Overnight, crude futures settled lower on Wednesday, despite the release of a bullish report from the Energy Information Administration (EIA), showing U.S. crude inventories fell more than expected in the previous week, extending the dip in U.S. crude stockpiles to a sixth-straight week.

For the week ended May 19, the EIA said that crude oil inventories fell by 4.43 million barrels, compared to expectations of a draw of around 2.4 million barrels.

Meanwhile, gasoline inventories dropped by only 0.485 million against expectations for a draw of 0.74 million barrels while distillate stockpiles fell by 0.485 million barrels, compared to expectations of a 0.74 million decline.

The lower than expected drawdown in gasoline inventories offset the large drop in crude inventories, as investors remained concerned over the recent slowdown in gasoline demand.

The data came a day ahead of the Organization of the Petroleum Exporting Countries (OPEC) meeting on whether to extend the current supply-cut agreement.

Crude futures have soared above $50 a barrel, as investors optimism grew that OPEC would seek to extend the supply-cut agreement for a prolonged period.

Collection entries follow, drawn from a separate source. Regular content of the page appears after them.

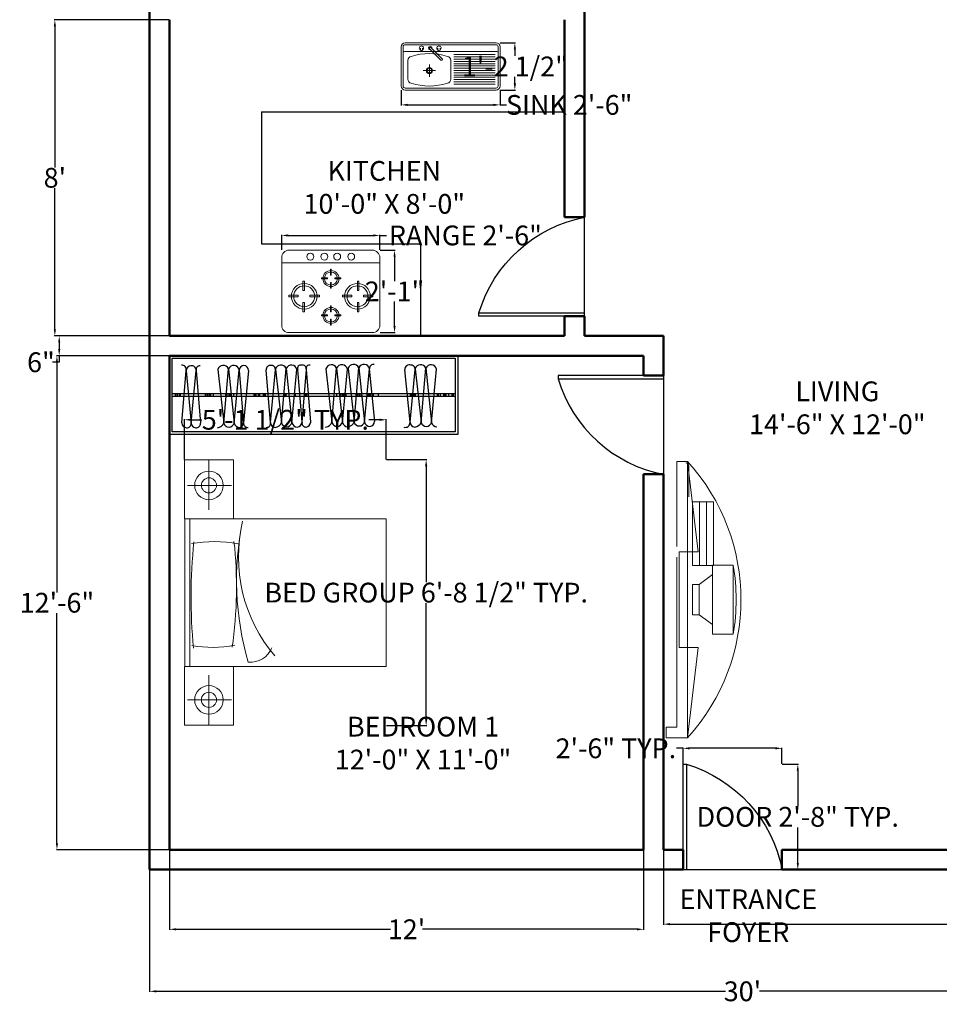
# Model space of a CAD drawing. Units: inches. Extents: x 20 to 32681, y 45 to 3082.
# Tile 1 of 5: x 21 to 301, y 45 to 344. Entities that reach past the tile are written whole.
import ezdxf

# ---------------------------------------------------------------- set-up
doc = ezdxf.new("R2010")
doc.units = ezdxf.units.IN
doc.header["$MEASUREMENT"] = 0
for name, color, linetype, lineweight in [('A-ANNO-DIMS', 2, 'Continuous', 18), ('A-AREA-IDEN', 7, 'Continuous', 25), ('A-DOOR', 4, 'Continuous', 25), ('A-EQPM', 9, 'Continuous', 18), ('A-FLOR-CASE', 32, 'Continuous', 25), ('A-FLOR-FIXT', 8, 'Continuous', 18), ('A-FURN', 8, 'Continuous', 18), ('A-WALL', 7, 'Continuous', 50)]:
    doc.layers.add(name, color=color, linetype=linetype, lineweight=lineweight)
doc.styles.get("Standard").update_dxf_attribs({"font": 'arial.ttf'})
doc.dimstyles.get("Standard").update_dxf_attribs({"dimtxt": 6, "dimasz": 2, "dimexe": 0.18, "dimexo": 0.0625, "dimgap": 0.09, "dimtad": 0, "dimtih": 1, "dimtoh": 1, "dimdec": 0, "dimzin": 0, "dimdsep": 46, "dimlunit": 4, "dimtxsty": 'Standard', "dimcen": 0.09, "dimadec": 0, "dimazin": 0, "dimtfac": 1, "dimtdec": 0, "dimtofl": 0, "dimtmove": 0, "dimatfit": 3, "dimfxl": 1, "dimtolj": 1, "dimtzin": 0, "dimarcsym": 0})

# ---------------------------------------------------------------- blocks, each defined once
blk = doc.blocks.new('DOOR')
for p, q in [((234.79, 441.58), (233.79, 441.58)), ((233.79, 441.58), (233.79, 409.58)), ((234.79, 409.58), (234.79, 441.58)), ((234.79, 409.58), (204.79, 409.58))]:
    blk.add_line(p, q)
blk.add_arc((245.82, 401.53), 41.82, 106.7253, 168.9058)
blk = doc.blocks.new('CVBN')
for p, q in [((70.94, 1179.16), (70.94, 1191.01)), ((89.36, 1192.66), (89.36, 1168.36)), ((89.36, 1081.69), (89.36, 1192.39)), ((89.36, 1192.39), (89.36, 1168.09)), ((170.36, 1192.39), (89.36, 1192.39)), ((170.36, 1192.66), (170.36, 1168.36)), ((170.36, 1081.69), (170.36, 1192.39)), ((170.36, 1192.39), (170.36, 1168.09)), ((170.36, 1192.39), (170.36, 1168.09)), ((188.79, 1179.16), (188.79, 1191.01)), ((170.36, 1189.69), (89.36, 1189.69)), ((70.94, 1179.16), (56.8, 1179.16)), ((70.94, 1179.16), (84.43, 1179.16)), ((70.94, 1179.16), (70.94, 1166.85)), ((188.79, 1179.16), (175.29, 1179.16)), ((188.79, 1179.16), (202.93, 1179.16)), ((188.79, 1179.16), (188.79, 1166.85)), ((170.36, 1081.69), (89.36, 1081.69))]:
    blk.add_line(p, q)
for points in [[(56.96, 1192.66), (56.96, 1165.66), (89.36, 1165.66), (89.36, 1192.66)], [(202.76, 1192.66), (202.76, 1165.66), (170.36, 1165.66), (170.36, 1192.66)]]:
    blk.add_lwpolyline(points, close=True)
for centre, radius in [((70.94, 1179.16), 7.85), ((188.79, 1179.16), 7.85), ((70.94, 1179.16), 4.15), ((188.79, 1179.16), 4.15)]:
    blk.add_circle(centre, radius)
for centre, radius, start, end in [((127.34, 900.05), 288.94, 83.953, 95.5626), ((165.23, 1177.16), 65.44, 169.9145, 190.6851), ((88.06, 1176.29), 69.84, 349.1761, 10.2706), ((136.55, 1004.48), 159.53, 78.2462, 106.3473), ((132.8, 1394.24), 230.23, 261.7649, 276.2896), ((149.51, 1078.87), 84.09, 76.5636, 130.3236), ((104.49, 1156.51), 12.88, 175.3269, 247.5588)]:
    blk.add_arc(centre, radius, start, end)
blk = doc.blocks.new('A$C025C2FF6')
for p, q in [((45, 500), (550, 500)), ((0, 45), (0, 455)), ((295.2, 454.2), (300.9, 454.2)), ((295.2, 418.5), (295.2, 454.2)), ((300.9, 418.5), (295.2, 418.5)), ((300.9, 454.2), (300.9, 418.5)), ((595, 455), (595, 45)), ((128.2, 316.3), (128.2, 373.4)), ((128.2, 373.4), (137.4, 373.4)), ((137.4, 373.4), (137.4, 316.3)), ((241.9, 397.2), (241.9, 391.5)), ((277.6, 397.2), (241.9, 397.2)), ((241.9, 391.5), (277.6, 391.5)), ((277.6, 391.5), (277.6, 397.2)), ((295.2, 374), (295.2, 338.4)), ((300.9, 374), (295.2, 374)), ((300.9, 338.4), (300.9, 374)), ((322.1, 397.2), (357.7, 397.2)), ((322.1, 391.5), (322.1, 397.2)), ((357.7, 391.5), (322.1, 391.5)), ((357.7, 397.2), (357.7, 391.5)), ((467.8, 373.4), (458.7, 373.4)), ((458.7, 373.4), (458.7, 316.3)), ((467.8, 316.3), (467.8, 373.4)), ((137.4, 316.3), (128.2, 316.3)), ((295.2, 338.4), (300.9, 338.4)), ((458.7, 316.3), (467.8, 316.3)), ((100.1, 282.2), (43, 282.2)), ((43, 282.2), (43, 273.1)), ((43, 273.1), (100.1, 273.1)), ((100.1, 273.1), (100.1, 282.2)), ((128.2, 245.2), (128.2, 188.1)), ((137.4, 245.2), (128.2, 245.2)), ((137.4, 188.1), (137.4, 245.2)), ((171.3, 282.2), (228.3, 282.2)), ((171.3, 273.1), (171.3, 282.2)), ((228.3, 273.1), (171.3, 273.1)), ((228.3, 282.2), (228.3, 273.1)), ((367.8, 282.2), (367.8, 273.1)), ((424.8, 282.2), (367.8, 282.2)), ((367.8, 273.1), (424.8, 273.1)), ((424.8, 273.1), (424.8, 282.2)), ((458.7, 188.1), (458.7, 245.2)), ((458.7, 245.2), (467.8, 245.2)), ((467.8, 245.2), (467.8, 188.1)), ((496, 273.1), (496, 282.2)), ((496, 282.2), (553, 282.2)), ((553, 273.1), (496, 273.1)), ((553, 282.2), (553, 273.1)), ((128.2, 188.1), (137.4, 188.1)), ((295.2, 195.2), (295.2, 230.9)), ((295.2, 230.9), (300.9, 230.9)), ((300.9, 195.2), (295.2, 195.2)), ((300.9, 230.9), (300.9, 195.2)), ((467.8, 188.1), (458.7, 188.1)), ((277.6, 173.9), (241.9, 173.9)), ((241.9, 173.9), (241.9, 168.2)), ((241.9, 168.2), (277.6, 168.2)), ((277.6, 168.2), (277.6, 173.9)), ((300.9, 150.7), (295.2, 150.7)), ((295.2, 150.7), (295.2, 115.1)), ((300.9, 115.1), (300.9, 150.7)), ((322.1, 168.2), (322.1, 173.9)), ((322.1, 173.9), (357.7, 173.9)), ((357.7, 168.2), (322.1, 168.2)), ((357.7, 173.9), (357.7, 168.2)), ((1.2, 76.7), (594.9, 76.7)), ((295.2, 115.1), (300.9, 115.1)), ((550, 0), (45, 0))]:
    blk.add_line(p, q)
at = {"extrusion": (1e-16, 1e-16, -1)}
for centre, start_param, end_param in [((45, 455), 3.926991, 5.497787), ((550, 45), 0.785398, 2.356194)]:
    blk.add_ellipse(centre, major_axis=(31.8, 31.8), ratio=1, start_param=start_param, end_param=end_param, dxfattribs=at)
at = {"extrusion": (0, 0, -1)}
for centre, start_param, end_param in [((550, 455), 0.785398, 2.356194), ((45, 45), 3.926991, 5.497787)]:
    blk.add_ellipse(centre, major_axis=(-31.8, 31.8), ratio=1, start_param=start_param, end_param=end_param, dxfattribs=at)
at = {"extrusion": (1e-16, 3e-16, -1)}
for centre in [(298.7, 395.6), (298.7, 172.3)]:
    blk.add_ellipse(centre, major_axis=(-34.4, 34.4), ratio=1, start_param=5.497787, end_param=11.780972, dxfattribs=at)
at = {"extrusion": (1e-16, 2e-16, -1)}
for centre in [(298.7, 395.6), (298.7, 172.3)]:
    blk.add_ellipse(centre, major_axis=(-28.1, 28.1), ratio=1, start_param=5.497787, end_param=11.780972, dxfattribs=at)
at = {"extrusion": (-1e-16, -1e-16, -1)}
blk.add_ellipse((136.5, 279.7), major_axis=(-55.1, 55.1), ratio=1, start_param=5.497787, end_param=11.780972, dxfattribs=at)
at = {"extrusion": (0, -4e-16, -1)}
blk.add_ellipse((136.5, 279.7), major_axis=(-44.9, 44.9), ratio=1, start_param=5.497787, end_param=11.780972, dxfattribs=at)
for centre, major_axis, start_param, end_param in [((459.5, 279.7), (55.1, 55.1), 5.497787, 11.780972), ((459.5, 279.7), (44.9, 44.9), 5.497787, 11.780972), ((336.3, 39), (-14.8, 14.8), 3.926991, 10.210176), ((421.3, 39), (-14.8, 14.8), 3.926991, 10.210176)]:
    blk.add_ellipse(centre, major_axis=major_axis, ratio=1, start_param=start_param, end_param=end_param)
at = {"extrusion": (2e-16, -1e-16, -1)}
for centre in [(173.7, 39), (258.7, 39)]:
    blk.add_ellipse(centre, major_axis=(14.8, 14.8), ratio=1, start_param=3.926991, end_param=10.210176, dxfattribs=at)
blk = doc.blocks.new('A$C24281843')
for p, q in [((0, 0.742), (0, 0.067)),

Kuwait, Iraq, Oman and Venezuela supported the Saudi-Russia agreement that production curbs needed to be extended for a period of nine-months until March 2018, to reduce global supply to the five-year average.
"There has been a marked reduction to the inventories, but we're not where we want to be in reaching the five-year average," Falih said last week.

Kuwaiti Oil Minister Issam Almarzooq, however, said Tuesday some countries are not in favour of a nine-month extension, but there’s a preliminary agreement on a six-month deal that will be reviewed in November.